If using condiments help you to enjoy your coffee more, that's fine. However, I urge you to at least taste every cup of coffee prior to adding them. If you know that the coffee you regularly buy gives you no inclination to consider drinking it black, throw it away. It's not worth your time or money. There’s too much high quality coffee available to settle junk. If it is worthy, please give the coffee an opportunity to impress your taste buds before making the decision. I genuinely hope that your expectations are exceeded. Be blessed.
In September I announced that I would be training to run the Making Strides for Breast Cancer Walk/Run this month. I think the world heard my announcement & September was by far one of the busiest months I ever encountered. I wasn’t deterred to completely give up my goal & started back running this month. I have to be honest it’s been tough. First off, I’m not a huge fan of running. I just don’t get excited about it (probably cause I not good at it yet).
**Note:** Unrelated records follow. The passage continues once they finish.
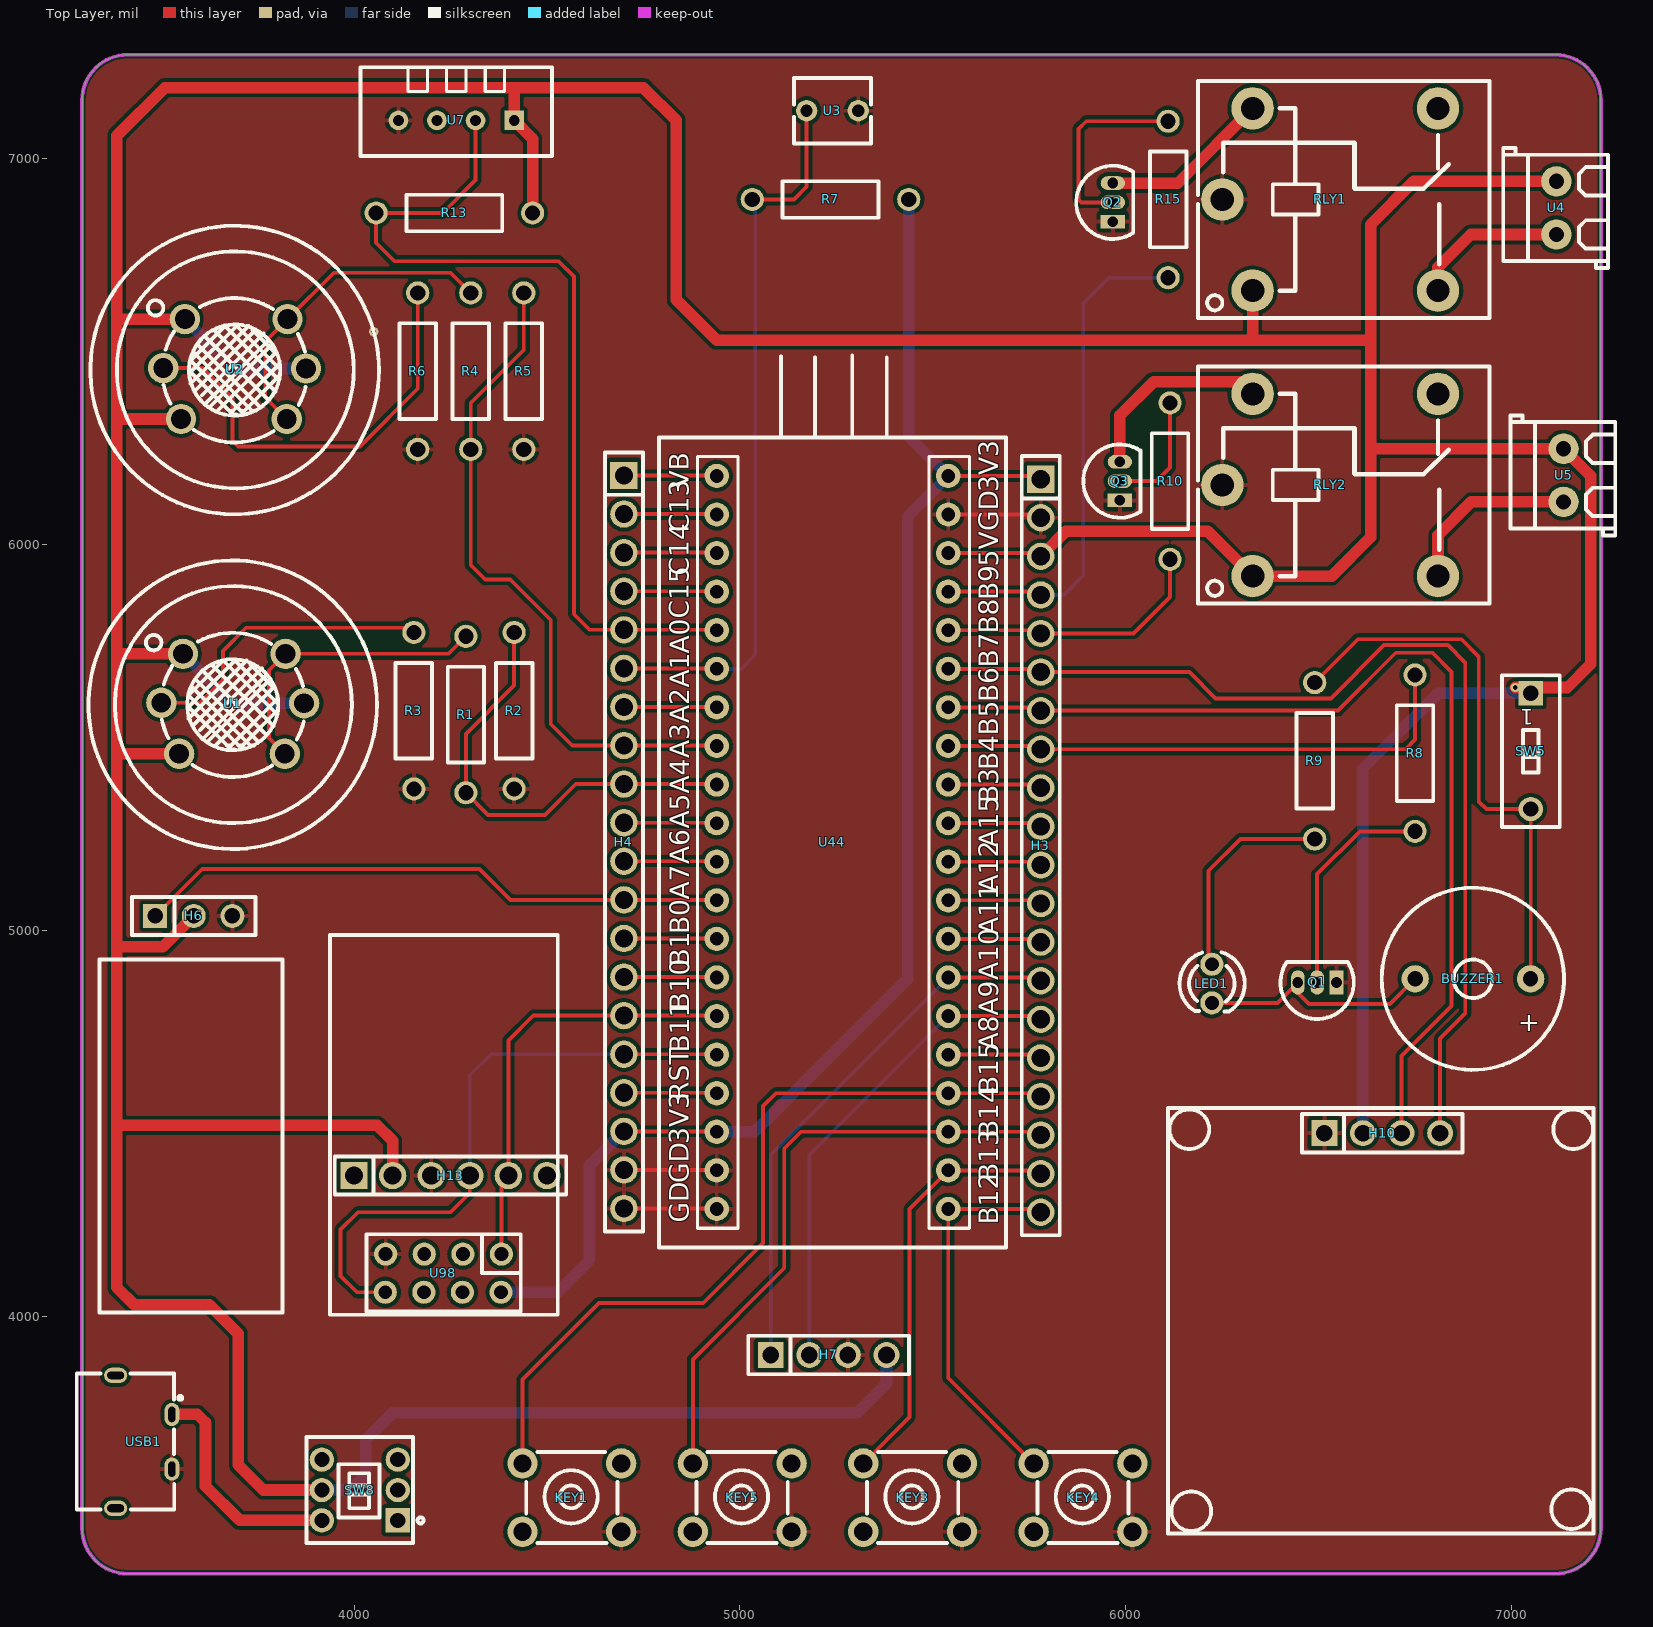
[diagram p0: Top Layer view]
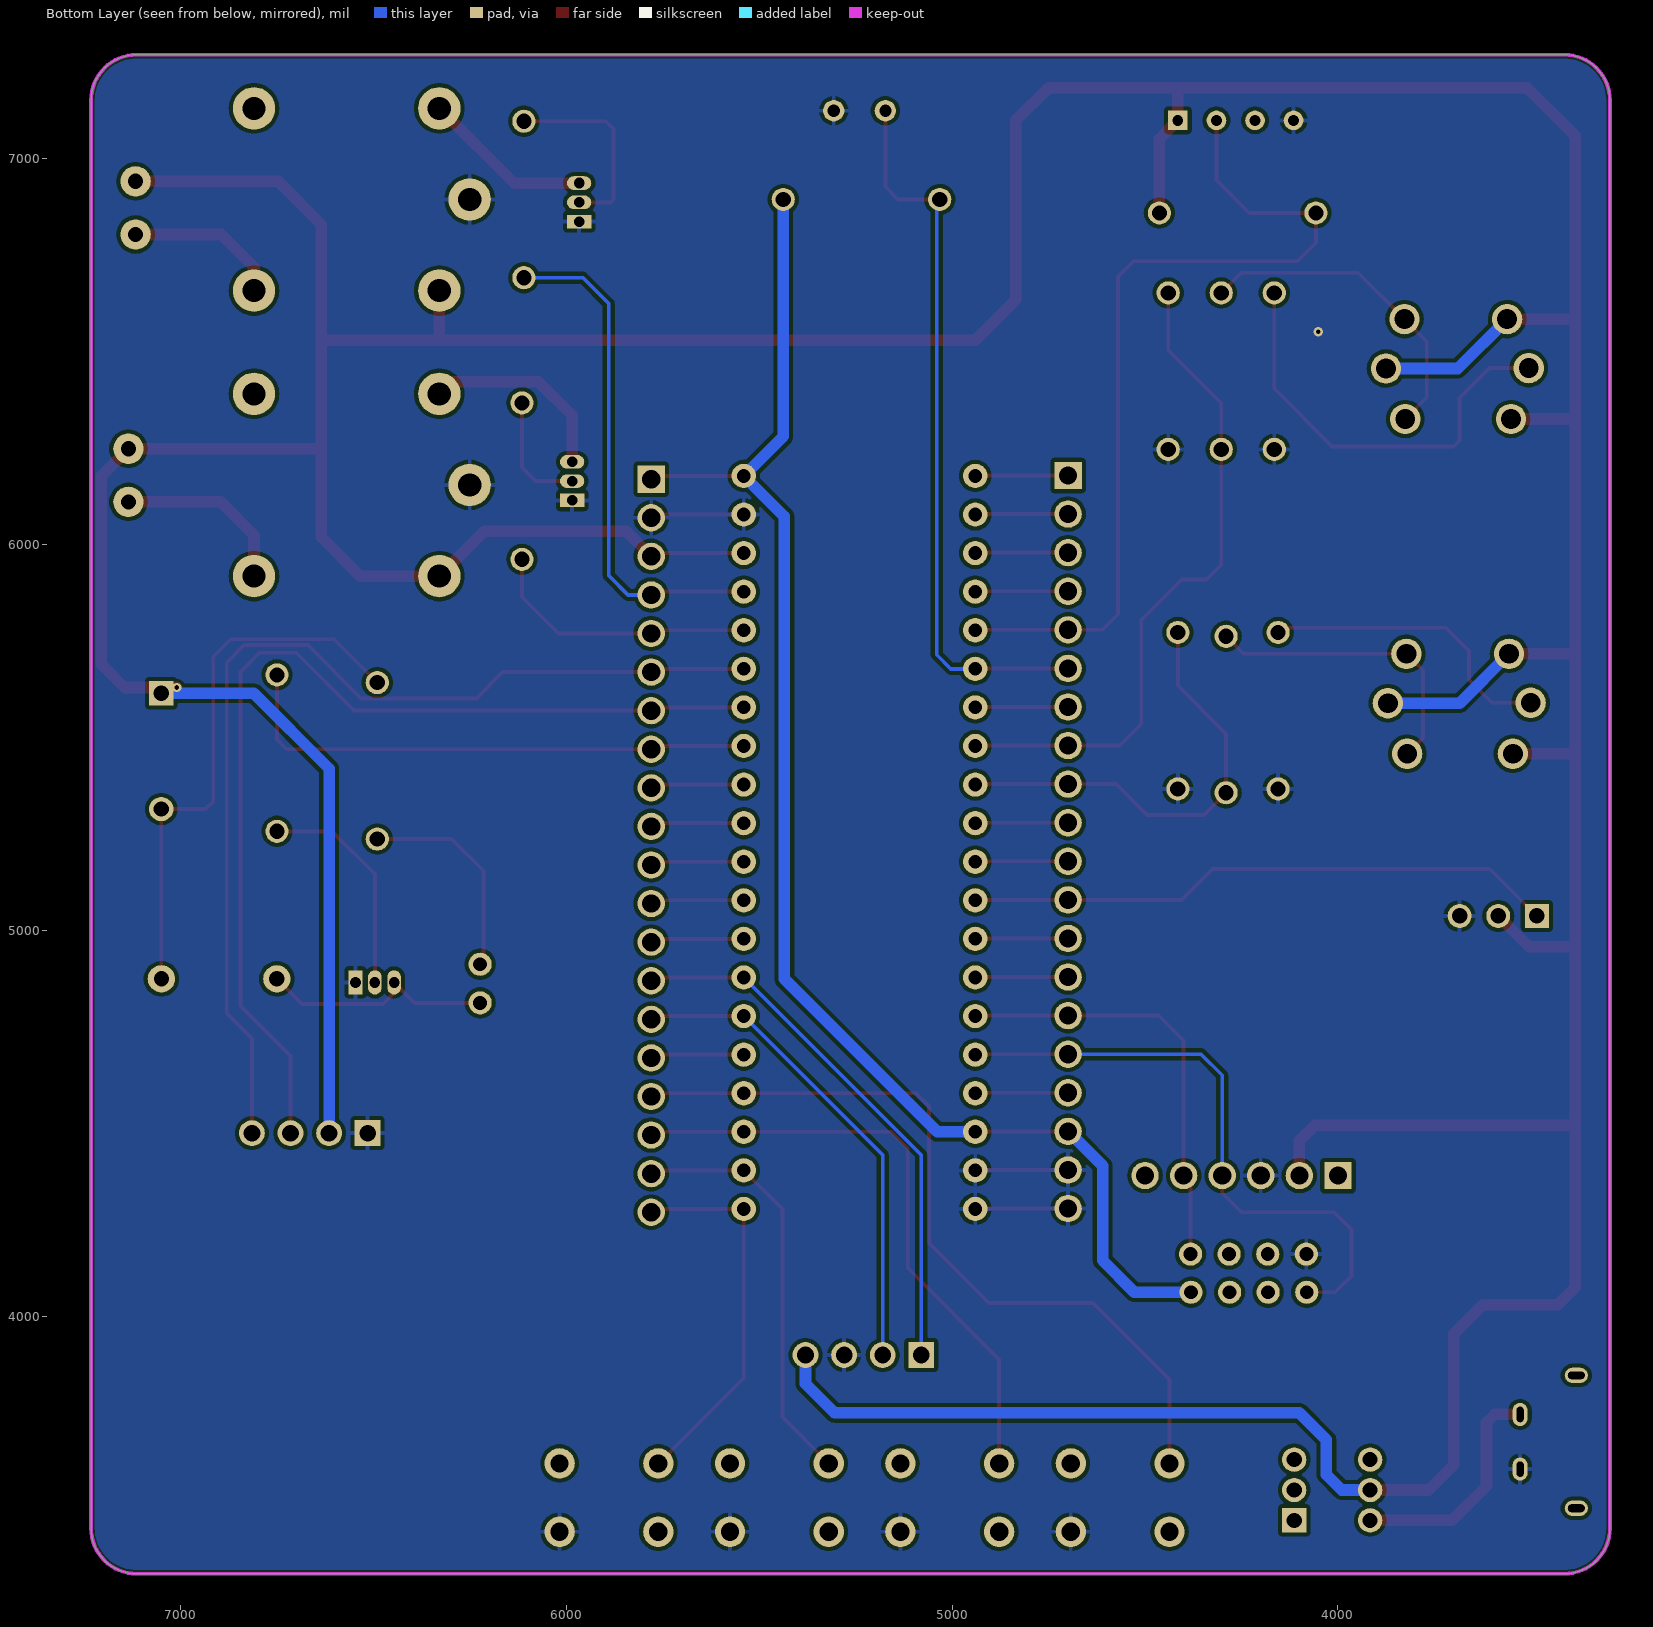
[diagram p1: Bottom Layer view, seen from below]
# Altium PCB MISC62290.pcbdoc
Units mil, origin at the board's own origin, x right, y up, seen from the top; angles counter-clockwise.
Board outline 3937.01 x 3937.01 mil, 2 copper layers (Top Layer, Bottom Layer), stack 62.206 mil thick; 40 components, 52 nets, 202 pads, 2 vias.

## Layer stack, top to bottom
Top Solder Mask Layer: solder mask 0.394, Dk 3.3
Top Layer: signal copper 1.379
Dielectric1: surface 59.449, FR4, Dk 4.5
Bottom Layer: signal copper 1.378
Bottom Solder Mask Layer: solder mask 0.394, Dk 3.3

## Board outline
3413.11,7270 ccw(c3413.11,7151.89) 3295,7151.89 3295,3451.1 ccw(c3413.11,3451.1) 3413.11,3332.99 7113.9,3332.99 ccw(c7113.9,3451.1) 7232.01,3451.1 7232.01,7151.89 ccw(c7113.9,7151.89) 7113.9,7270

## Design rules (kind name [scope] priority, off if disabled: settings)
BoardOutlineClearance copperThickness2oz_1 [All] p2 off: genericclearance=7.99 ignorepadtopadclearanceinfootprint=FALSE except(0: Arc-SplitContinuation Track-SplitContinuation SMDPad-SplitContinuation THPad-SplitContinuation Via-SplitContinuation Fill-SplitContinuation Region-SplitContinuation Poly-SplitContinuation Text-SplitContinuation Hole-SplitContinuation; 5.98: Arc-CutoutEdge SMDPad-CutoutEdge THPad-CutoutEdge Via-CutoutEdge Fill-CutoutEdge Region-CutoutEdge Text-CutoutEdge; 6.93: Hole-OutlineEdge Hole-CutoutEdge; 10: Poly-OutlineEdge Poly-CutoutEdge; 11.81: Arc-OutlineEdge Track-OutlineEdge SMDPad-OutlineEdge THPad-OutlineEdge Via-OutlineEdge Fill-OutlineEdge Region-OutlineEdge Text-OutlineEdge Track-CutoutEdge)
BoardOutlineClearance copperThickness1oz_1 [All] p4: genericclearance=4.02 ignorepadtopadclearanceinfootprint=FALSE except(0: Arc-SplitContinuation Track-SplitContinuation SMDPad-SplitContinuation THPad-SplitContinuation Via-SplitContinuation Fill-SplitContinuation Region-SplitContinuation Poly-SplitContinuation Text-SplitContinuation Hole-SplitContinuation; 6: SMDPad-CutoutEdge THPad-CutoutEdge Via-CutoutEdge Fill-CutoutEdge Region-CutoutEdge Text-CutoutEdge; 6.93: Hole-OutlineEdge Hole-CutoutEdge; 10: Poly-OutlineEdge Poly-CutoutEdge; 11.8: Arc-OutlineEdge Track-OutlineEdge SMDPad-OutlineEdge THPad-OutlineEdge Via-OutlineEdge Fill-OutlineEdge Region-OutlineEdge Text-OutlineEdge; 11.81: Arc-CutoutEdge Track-CutoutEdge)
Clearance copperThickness2oz [All] p1 off: gap=7.99 ignorepadtopadclearanceinfootprint=FALSE except(5.98: SMDPad-Track SMDPad-SMDPad THPad-Track SMDPad-THPad THPad-THPad Track-Via SMDPad-Via THPad-Via Via-Via Fill-Track Region-Track Fill-SMDPad Region-SMDPad Fill-THPad Region-THPad Fill-Via Region-Via Fill-Fill Fill-Region Region-Region Arc-Track Arc-SMDPad Arc-THPad Arc-Via Fill-Arc Region-Arc Arc-Arc Text-Track SMDPad-Text Text-THPad Text-Via Fill-Text Region-Text Arc-Text Text-Text; 6.93: Hole-Track Hole-SMDPad Hole-THPad Hole-Via Fill-Hole Region-Hole Hole-Arc Hole-Text; 10: Poly-Track Poly-SMDPad Poly-THPad Poly-Via Poly-Fill Poly-Region Poly-Poly Poly-Arc Poly-Text Poly-Hole)
Clearance copperThickness1oz [All] p3: gap=4.02 ignorepadtopadclearanceinfootprint=FALSE except(5.98: SMDPad-Track SMDPad-SMDPad THPad-Track SMDPad-THPad THPad-THPad Track-Via SMDPad-Via THPad-Via Via-Via Fill-Track Region-Track Fill-SMDPad Region-SMDPad Fill-THPad Region-THPad Fill-Via Region-Via Fill-Fill Fill-Region Region-Region; 6: Arc-Track Arc-SMDPad Arc-THPad Arc-Via Fill-Arc Region-Arc Arc-Arc Text-Track SMDPad-Text Text-THPad Text-Via Fill-Text Region-Text Arc-Text Text-Text; 6.93: Hole-Track Hole-SMDPad Hole-THPad Hole-Via Fill-Hole Region-Hole Hole-Arc Hole-Text; 10: Poly-Track Poly-SMDPad Poly-THPad Poly-Via Poly-Fill Poly-Region Poly-Poly Poly-Arc Poly-Text Poly-Hole)
Creepage creepage [All] p1: checkdistance=0 ignoreinternallayers=TRUE applytopolygonpour=TRUE
DiffPairsRouting differentialPair [All] p1: maxlimit=6 minlimit=6 mostfreqgap=6 toplayer_minwidth=5 toplayer_prefwidth=10 toplayer_maxwidth=100 toplayer_mingap=6 toplayer_prefgap=6 toplayer_maxgap=6 bottomlayer_minwidth=5 bottomlayer_prefwidth=10 bottomlayer_maxwidth=100 bottomlayer_mingap=6 bottomlayer_prefgap=6 bottomlayer_maxgap=6 maxuncoupledlength=10
HoleToHoleClearance otherClearance [All] p1: gap=11.81 allowstackedmicrovias=TRUE
Length netLength [All] p1: minlimit=0 maxlimit=0
MatchedLengths netLengthTolerance [All] p1: tolerance=1000
PasteMaskExpansion pasteMaskExpansion [All] p1: expansion=0
PlaneConnect innerPlane [All] p1: planeconnectstyle=Relief reliefexpansion=20 reliefentries=4 reliefconductorwidth=10 reliefairgap=10
PolygonConnect copperRegion [(InNet('GND'))] p1: connectstyle=Relief reliefconductorwidth=10 reliefentries=4 polygonreliefangle="90 Angle" airgapwidth=10 via.connectstyle=Relief via.reliefconductorwidth=10 via.reliefentries=4 via.polygonreliefangle="90 Angle" via.airgapwidth=10
RoutingVias viaSize [All] p1: holewidth=12.01 width=24.02 viastyle="Through Hole" minholewidth=11.81 minwidth=19.68 maxholewidth=248.03 maxwidth=393.7
SolderMaskExpansion solderMaskExpansion [IsVia] p1: expansion=-1000 istentingtop=TRUE
SolderMaskExpansion solderMaskExpansion [All] p2: expansion=2 istentingtop=FALSE
Width copperThickness2oz_2 [All] p1 off: maxlimit=100 minlimit=8 preferedwidth=10
Width copperThickness1oz_2 [All] p2: maxlimit=100 minlimit=5 preferedwidth=10

## Components (designator, comment, footprint, x,y, rotation, side; value= is the part's Value field where it differs from the comment)
BUZZER1 "2.3kHz" BUZ-TH_BD12.0-P7.60-D0.6-FD 6900,4875 r180 top
H3 "" HDR-TH_20P-P2.54-V-F 5780,5220 r270 top
H4 "" HDR-TH_20P-P2.54-V-F 4699.46,5229.58 r270 top
H6 "" HDR-TH_3P-P2.54-V-F 3584.58,5037.88 r0 top
H7 "" HDR-TH_4P-P2.54-V-F 5230,3900 r0 top
H10 "2.54-1*4P female" HDR-TH_4P-P2.54-V-F 6665,4475 r0 top
H13 "" HDR-TH_6P-P2.54-V-M-1 4250,4365 r0 top
KEY1 "Button 1" KEY-TH_4P-L6.0-W6.0-P4.50-LS7.5 4564.46,3530.41 r0 top
KEY3 "Button 2" KEY-TH_4P-L6.0-W6.0-P4.50-LS7.5 5447.8,3530.41 r0 top
KEY4 "Button 4" KEY-TH_4P-L6.0-W6.0-P4.50-LS7.5 5889.46,3530.41 r0 top
KEY5 "Button 5" KEY-TH_4P-L6.0-W6.0-P4.50-LS7.5 5006.13,3530.41 r0 top
LED1 "" LED_TH-3mm 6223.5,4862.73 r270 top
Q1 "" S8050_TO_92 6496.32,4865.58 r180 top
Q2 "" S8050_TO_92 5966.77,6887.54 r90 top
Q3 "" S8050_TO_92 5985,6165 r90 top
R1 "10kΩ" Res_1/4W 4290,5560 r90 top
R2 "10kΩ" Res_1/4W 4415,5570 r90 top
R3 "5Ω" Res_1/4W 4155,5570 r90 top
R4 "10kΩ" Res_1/4W 4302.5,6450 r90 top
R5 "10kΩ" Res_1/4W 4440,6450 r90 top
R6 "5Ω" Res_1/4W 4165,6450 r90 top
R7 "1kΩ" Res_1/4W 5235,6895 r180 top
R8 "1kΩ" Res_1/4W 6750,5460 r270 top
R9 "120" Res_1/4W 6490,5440 r270 top
R10 "1kΩ" Res_1/4W 6115,6165 r90 top
R13 "10kΩ" Res_1/4W 4260,6860 r0 top
R15 "1kΩ" Res_1/4W 6110,6895 r90 top
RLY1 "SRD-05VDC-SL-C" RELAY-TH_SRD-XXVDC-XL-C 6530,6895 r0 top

I like the results of training to run & so I keep my focus on the end results & not necessarily the task at hand. Second, I love food. Good food. I always jump at an opportunity to experience something new & delicious. I especially love trying rare & exotic fruit. If you ever run into a guy smelling the fruit in produce section, it’s a good shot that it’s me. Nevertheless, I have to keep my eyes on the prize. Terry Sullivan of LiveRightNow has been an excellent trainer & mentor in this process. His advice is really helpful & practical. My first goal: lose seven pounds. Wish me luck. Be blessed.
I've participated in the Making Strides walk/run in Jackson for the last 5 years. Cancer isn't just a passing subject in my household. My family has been affected by this deadly disease multiple times, making it very personal and near & dear to my heart. I've been planning to do something with Jackson ACS for the last 2 years but I've either been too late or too occupied. We were determined to do something with them this year & I'm happy to announce we are ready to go.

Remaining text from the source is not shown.